RAM Usage: The program's RAM usage. (1)
1. Since all tested tools follow a static memory allocation strategy, the RAM usage can be inferred from the GCC compiler's report. Typically, RAM = data + bss, but since the data section primarily holds data samples (which we do not want to affect RAM calculations), we assume RAM = bss. The reported values in graphs are the difference between RAM of the programs and corresponding base programs. Hence, these values indicate the RAM size of the tool and the model.
  For TFLM, we set the arena_size parameter, which modifies the size of the bss section. To find the minimum viable arena_size for each model, we incrementally increased the arena_size with a small step-size until the program ran successfully. The bss size of the program with the minimum arena_size is taken as the program's RAM usage.

Subjective Summary

The Summary section of each study offers a brief overview of the results. Please note that these summaries are based on overall behavior of models and may be somewhat subjective.

Studies

TFLM Quantizations: Evaluating the performance of different quantization schemes.
TFLM Pruning and Clustering: Exploring the effects of pruning and clustering.
TFLM vs Edge Impulse: A comparison between TFLM and Edge Impulse.
TFLM vs Ekkono: A comparison between TFLM and Ekkono.
TFLM vs eAI Translator: A comparison between TFLM and Renesas eAI Translator.
RNN, LSTM, GRU: Comparing the performance of different RNNs.
Compiler Optimization Levels: The impact of varying compiler optimization levels.
Importance of FPU: Situations where the Floating Point Unit (FPU) becomes beneficial.
STM vs Renesas: A comparison between the NUCLEO-L4R5ZI and Renesas RX65N boards.
GCC vs CCRX: A comparison of the GCC and CCRX compilers for the Renesas RX65N.

Models

In our experiments, we used four types of models:

FC: Fully connected neural network.
CNN: Convolutional neural network.
RNN: Recurrent neural network. It can be either Simple RNN, LSTM, or GRU.
TinyMLPerf: Models from the MLPerf Tiny benchmark suite.

FC

We utilized 11 FC models in our experiments. These models consist of multiple fully connected layers with Sigmoid or ReLU activation functions. Classification models include a Softmax layer at the end. Some models may also use dropout and batch normalization layers.

FC_0 is the simplest model, containing just one neuron in both the input and output layers. It's useful for comparing the minimum resource requirements across different tools.

As the model number increases, so do the network’s size and complexity. The figure below provides details on the number of parameters and MACs in each model.

CNN

We employed 7 CNN models in our experiments. These models consist of multiple convolutional layers and, in some cases, additional fully connected (FC) layers. In addition to activation functions (Sigmoid, ReLU), dropout, and batch normalization layers, CNN models may also feature pooling layers.

As with the FC models, complexity increases with model number.
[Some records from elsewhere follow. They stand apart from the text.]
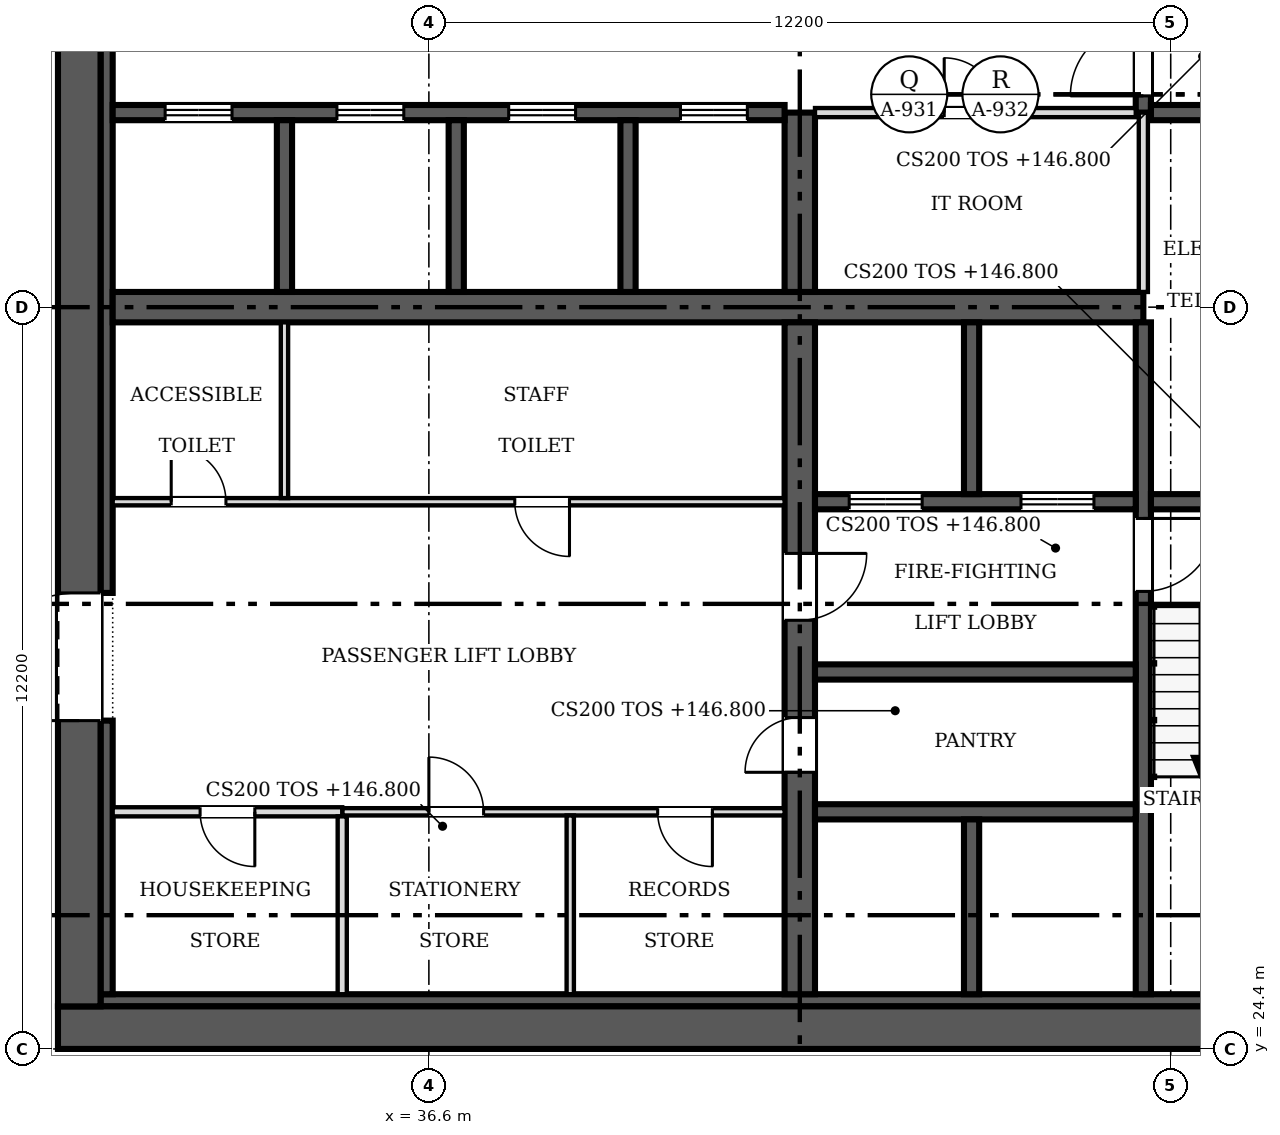
"""IFC4 building model, lengths in metres.
Left out: names, types, materials, properties, quantities, classifications, styles, units other than length and angle.
Written with IfcOpenShell. Run it as: python <this file> out.ifc"""

import sys

from ifc_helpers import new_model, si_unit, direction, frame, frame_2d, origin, place, context, subcontext, project, spatial, rectangle, extrude, source, transform, mapped, element, fill, save


model = new_model("IFC4")
c1 = context("Model", 3, precision=1e-05, world=origin(), true_north=direction((0.0, 1.0)))
c2 = subcontext(c1, "Body", "Model", "MODEL_VIEW")
j1 = project(units=[si_unit("LENGTHUNIT", "METRE"), si_unit("PLANEANGLEUNIT", "RADIAN")], contexts=[c1])
p1 = place(None, origin())
s1 = spatial("IfcSite", under=j1, at=p1, CompositionType="ELEMENT")
p2 = place(p1, origin())
s2 = spatial("IfcBuilding", under=s1, at=p2, CompositionType="ELEMENT")
p3 = place(p2, frame((0.0, 0.0, 146.8)))
s3 = spatial("IfcBuildingStorey", under=s2, at=p3, CompositionType="ELEMENT", Elevation=146.8)
p4 = place(p3, frame((54.9, 24.75, 0.0), z_axis=(0.0, 0.0, 1.0), x_axis=(-1.0, 0.0, 0.0)))
e1 = element("IfcWall", 1, at=p4, inside=s3, PredefinedType="SHEAR", context=c2, shape_type="SweptSolid", body=[
    extrude(rectangle(XDim=24.4, YDim=0.7, at=frame_2d((12.2, 0.0))), origin(), (0.0, 0.0, 1.0), 3.8),
])
m1 = source(origin(), c2, "Body", "SweptSolid", [
    extrude(rectangle(XDim=1.2, YDim=2.1, at=frame_2d((0.6, 1.05))), frame((0.0, 0.36, 0.0), z_axis=(0.0, -1.0, 0.0), x_axis=(1.0, 0.0, 0.0)), (0.0, 0.0, 1.0), 0.72),
])
p5 = place(p4, frame((1.5, 0.0, 0.0)))
e2 = element("IfcOpeningElement", 2, at=p5, cuts=e1, PredefinedType="OPENING", context=c2, shape_type="MappedRepresentation", body=[
    mapped(m1, transform((0.0, 0.0, 0.0), scale=1.0)),
])
p6 = place(p3, frame((30.85, 25.1, 0.0), z_axis=(0.0, 0.0, 1.0), x_axis=(0.0, 1.0, 0.0)))
e3 = element("IfcWall", 3, at=p6, inside=s3, PredefinedType="SHEAR", context=c2, shape_type="SweptSolid", body=[
    extrude(rectangle(XDim=23.0, YDim=0.7, at=frame_2d((11.5, 0.0))), origin(), (0.0, 0.0, 1.0), 3.8),
])
m2 = source(origin(), c2, "Body", "SweptSolid", [
    extrude(rectangle(XDim=2.1, YDim=2.4, at=frame_2d((1.05, 1.2))), frame((0.0, 0.36, 0.0), z_axis=(0.0, -1.0, 0.0), x_axis=(1.0, 0.0, 0.0)), (0.0, 0.0, 1.0), 0.72),
])
p7 = place(p6, frame((4.7, 0.0, 0.0)))
e4 = element("IfcOpeningElement", 4, at=p7, cuts=e3, PredefinedType="OPENING", context=c2, shape_type="MappedRepresentation", body=[
    mapped(m2, transform((0.0, 0.0, 0.0), scale=1.0)),
])
p8 = place(p6, frame((16.2, 0.0, 0.0)))
e5 = element("IfcOpeningElement", 5, at=p8, cuts=e3, PredefinedType="OPENING", context=c2, shape_type="MappedRepresentation", body=[
    mapped(m2, transform((0.0, 0.0, 0.0), scale=1.0)),
])
p9 = place(p3, frame((31.2, 25.2, 0.0), z_axis=(0.0, 0.0, 1.0), x_axis=(1.0, 0.0, 0.0)))
e6 = element("IfcWall", 6, at=p9, inside=s3, PredefinedType="SOLIDWALL", context=c2, shape_type="SweptSolid", body=[
    extrude(rectangle(XDim=21.0, YDim=0.2, at=frame_2d((10.5, 0.0))), origin(), (0.0, 0.0, 1.0), 3.8),
])
p10 = place(p3, frame((31.3, 25.3, 0.0), z_axis=(0.0, 0.0, 1.0), x_axis=(0.0, 1.0, 0.0)))
e7 = element("IfcWall", 7, at=p10, inside=s3, PredefinedType="SOLIDWALL", context=c2, shape_type="SweptSolid", body=[
    extrude(rectangle(XDim=4.5, YDim=0.2, at=frame_2d((2.25, 0.0))), origin(), (0.0, 0.0, 1.0), 3.8),
])
p11 = place(p3, frame((31.3, 31.9, 0.0), z_axis=(0.0, 0.0, 1.0), x_axis=(0.0, 1.0, 0.0)))
e8 = element("IfcWall", 8, at=p11, inside=s3, PredefinedType="SOLIDWALL", context=c2, shape_type="SweptSolid", body=[
    extrude(rectangle(XDim=9.4, YDim=0.2, at=frame_2d((4.7, 0.0))), origin(), (0.0, 0.0, 1.0), 3.8),
])
p12 = place(p3, frame((31.4, 36.6, 0.0), z_axis=(0.0, 0.0, 1.0), x_axis=(1.0, 0.0, 0.0)))
e9 = element("IfcWall", 9, at=p12, inside=s3, PredefinedType="SHEAR", context=c2, shape_type="SweptSolid", body=[
    extrude(rectangle(XDim=16.95, YDim=0.5, at=frame_2d((8.475, 0.0))), origin(), (0.0, 0.0, 1.0), 3.8),
])
p13 = place(p3, frame((42.7, 36.35, 0.0), z_axis=(0.0, 0.0, 1.0), x_axis=(0.0, -1.0, 0.0)))
e10 = element("IfcWall", 10, at=p13, inside=s3, PredefinedType="SHEAR", context=c2, shape_type="SweptSolid", body=[
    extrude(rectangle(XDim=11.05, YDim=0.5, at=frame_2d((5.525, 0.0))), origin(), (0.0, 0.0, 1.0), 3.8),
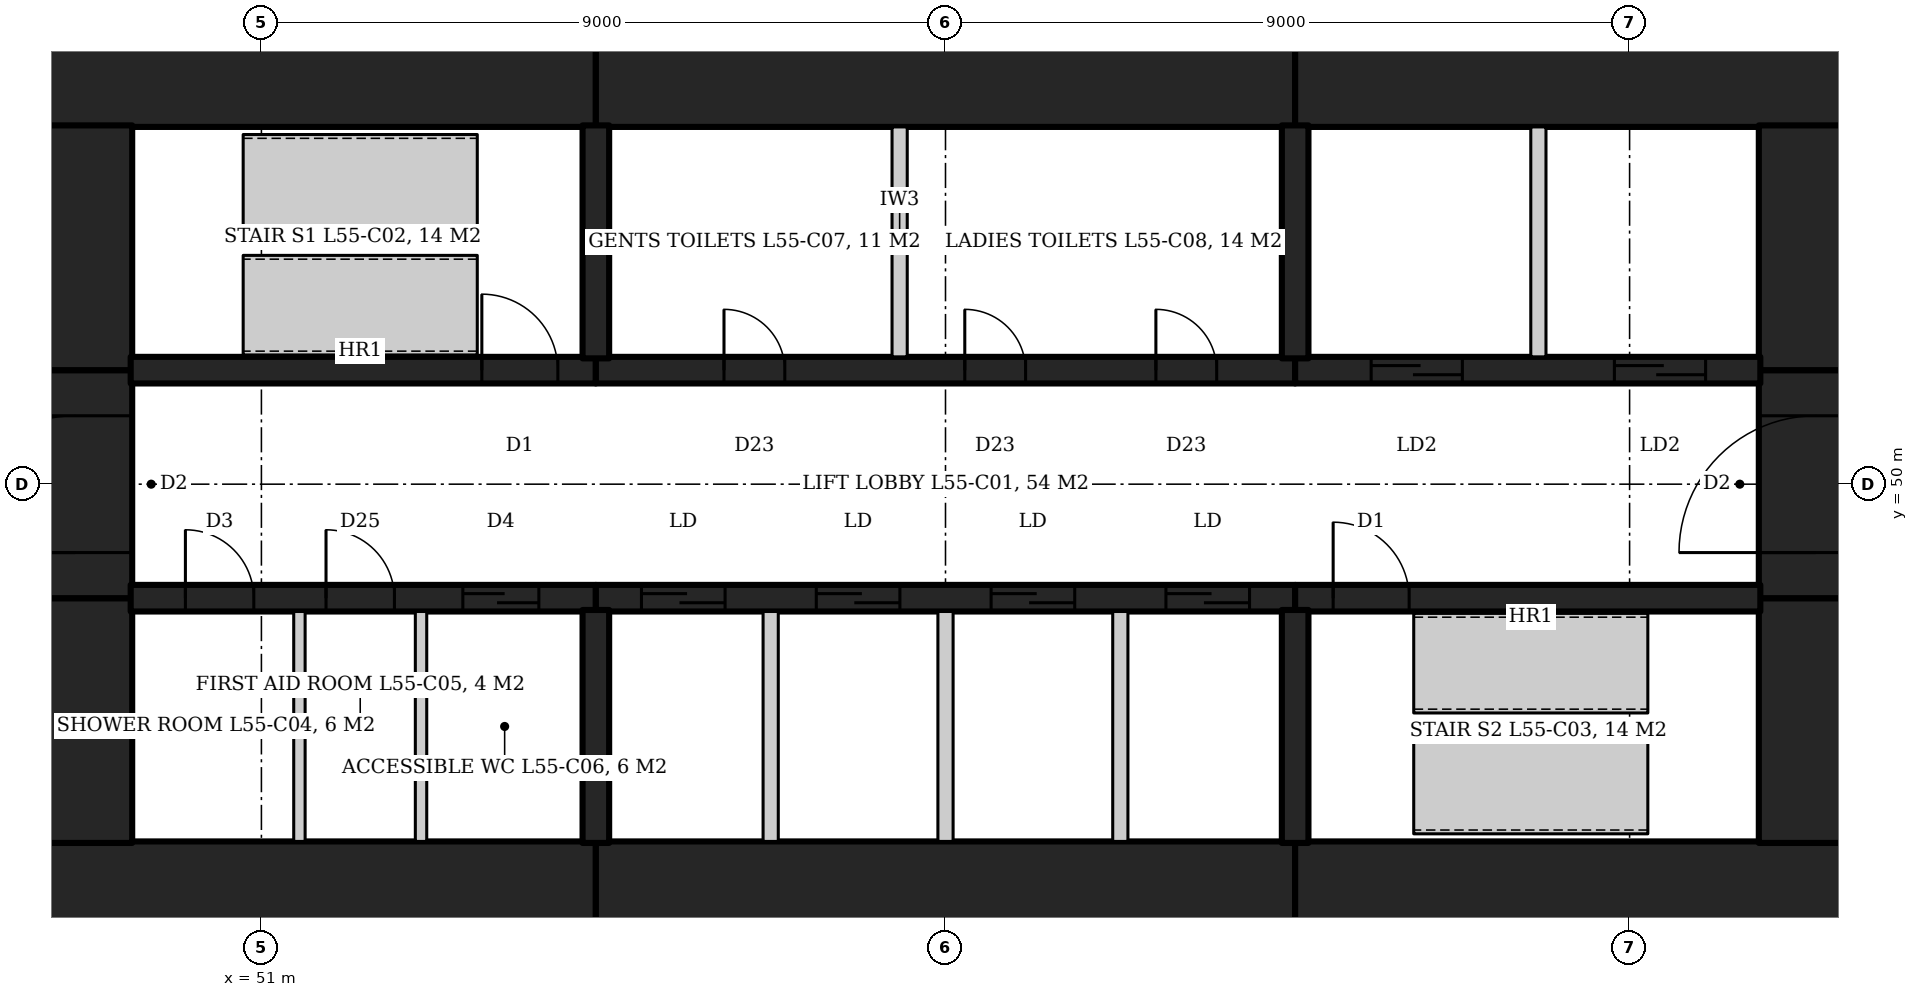
"""IFC4 building model, lengths in metres.
Left out: names, types, materials, properties, quantities, classifications, styles, units other than length and angle.
Written with IfcOpenShell. Run it as: python <this file> out.ifc"""

import sys

from ifc_helpers import new_model, si_unit, direction, frame, frame_2d, origin, place, context, subcontext, project, spatial, rectangle, extrude, element, fill, save


model = new_model("IFC4")
c1 = context("Model", 3, precision=1e-05, world=origin(), true_north=direction((0.0, 1.0)))
c2 = subcontext(c1, "Body", "Model", "MODEL_VIEW")
j1 = project(units=[si_unit("LENGTHUNIT", "METRE"), si_unit("PLANEANGLEUNIT", "RADIAN")], contexts=[c1])
p1 = place(None, origin())
s1 = spatial("IfcSite", under=j1, at=p1, CompositionType="ELEMENT")
p2 = place(p1, origin())
s2 = spatial("IfcBuilding", under=s1, at=p2, CompositionType="ELEMENT")
p3 = place(p2, frame((0.0, 0.0, 240.2)))
s3 = spatial("IfcBuildingStorey", under=s2, at=p3, CompositionType="ELEMENT", Elevation=240.2)
p4 = place(p3, frame((47.8, 55.45, 0.0), z_axis=(0.0, 0.0, 1.0), x_axis=(1.0, 0.0, 0.0)))
e1 = element("IfcWall", 1, at=p4, inside=s3, PredefinedType="SHEAR", context=c2, shape_type="SweptSolid", body=[
    extrude(rectangle(XDim=7.6, YDim=1.5, at=frame_2d((3.8, 0.0))), origin(), (0.0, 0.0, 1.0), 4.2),
])
p5 = place(p3, frame((55.4, 55.45, 0.0), z_axis=(0.0, 0.0, 1.0), x_axis=(1.0, 0.0, 0.0)))
e2 = element("IfcWall", 2, at=p5, inside=s3, PredefinedType="SHEAR", context=c2, shape_type="SweptSolid", body=[
    extrude(rectangle(XDim=9.2, YDim=1.5, at=frame_2d((4.6, 0.0))), origin(), (0.0, 0.0, 1.0), 4.2),
])
for number, where, z_axis, x_axis in (
    (3, (64.6, 55.45, 0.0), (0.0, 0.0, 1.0), (1.0, 0.0, 0.0)),
    (4, (47.8, 44.55, 0.0), (0.0, 0.0, 1.0), (1.0, 0.0, 0.0)),
):
    element("IfcWall", number, at=place(p3, frame(where, z_axis=z_axis, x_axis=x_axis)), inside=s3, PredefinedType="SHEAR", context=c2, shape_type="SweptSolid", body=[
        extrude(rectangle(XDim=7.6, YDim=1.5, at=frame_2d((3.8, 0.0))), origin(), (0.0, 0.0, 1.0), 4.2),
    ])
p6 = place(p3, frame((55.4, 44.55, 0.0), z_axis=(0.0, 0.0, 1.0), x_axis=(1.0, 0.0, 0.0)))
e5 = element("IfcWall", 5, at=p6, inside=s3, PredefinedType="SHEAR", context=c2, shape_type="SweptSolid", body=[
    extrude(rectangle(XDim=9.2, YDim=1.5, at=frame_2d((4.6, 0.0))), origin(), (0.0, 0.0, 1.0), 4.2),
])
p7 = place(p3, frame((64.6, 44.55, 0.0), z_axis=(0.0, 0.0, 1.0), x_axis=(1.0, 0.0, 0.0)))
e6 = element("IfcWall", 6, at=p7, inside=s3, PredefinedType="SHEAR", context=c2, shape_type="SweptSolid", body=[
    extrude(rectangle(XDim=7.6, YDim=1.5, at=frame_2d((3.8, 0.0))), origin(), (0.0, 0.0, 1.0), 4.2),
])
p8 = place(p3, frame((71.45, 45.28, 0.0), z_axis=(0.0, 0.0, 1.0), x_axis=(0.0, 1.0, 0.0)))
e7 = element("IfcWall", 7, at=p8, inside=s3, PredefinedType="SHEAR", context=c2, shape_type="SweptSolid", body=[
    extrude(rectangle(XDim=3.22, YDim=1.5, at=frame_2d((1.61, 0.0))), origin(), (0.0, 0.0, 1.0), 4.2),
])
p9 = place(p3, frame((71.45, 48.5, 0.0), z_axis=(0.0, 0.0, 1.0), x_axis=(0.0, 1.0, 0.0)))
e8 = element("IfcWall", 8, at=p9, inside=s3, PredefinedType="SHEAR", context=c2, shape_type="SweptSolid", body=[
    extrude(rectangle(XDim=3.0, YDim=1.5, at=frame_2d((1.5, 0.0))), origin(), (0.0, 0.0, 1.0), 4.2),
])
p10 = place(p9, frame((0.6, 0.0, 0.0)))
e9 = element("IfcOpeningElement", 9, at=p10, cuts=e8, PredefinedType="OPENING", context=c2, shape_type="SweptSolid", body=[
    extrude(rectangle(XDim=1.8, YDim=2.1, at=frame_2d((0.9, 1.05))), frame((0.0, 0.76, 0.0), z_axis=(0.0, -1.0, 0.0), x_axis=(1.0, 0.0, 0.0)), (0.0, 0.0, 1.0), 1.52),
])
for number, where, z_axis, x_axis in (
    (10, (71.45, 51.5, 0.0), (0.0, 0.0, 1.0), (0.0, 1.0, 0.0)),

The figure below outlines the number of parameters and MACs for each CNN model.

RNN

We utilized 7 different RNN models during our experiments. These include three Simple RNN models of varying sizes (simple_0 represents an almost minimal RNN), two additional Simple RNNs trained on a collection of Shakespeare’s works, one LSTM model, and one GRU model. The Shakespeare models include an embedding layer at the beginning.

The table below provides detailed information about the RNN models.

Model	RNN Units	Sequence Length	Parameters	MACs
Simple 0	1	2	5	9
Simple 1	64	100	8288	827200
Simple 2	128	100	32960	3292800
Shakespeare 1	64	100	12513	1056300
Shakespeare 2	128	100	37249	3321900
LSTM	64	100	26912	2702400
GRU	64	100	20896	2094400

TinyMLPerf

The MLPerf Tiny benchmark suite includes 4 models. While in this project we have the possibility to create these models with different options, we have loaded the default models provided by the benchmark suite.

Below is a figure that highlights the number of parameters and MACs for these models.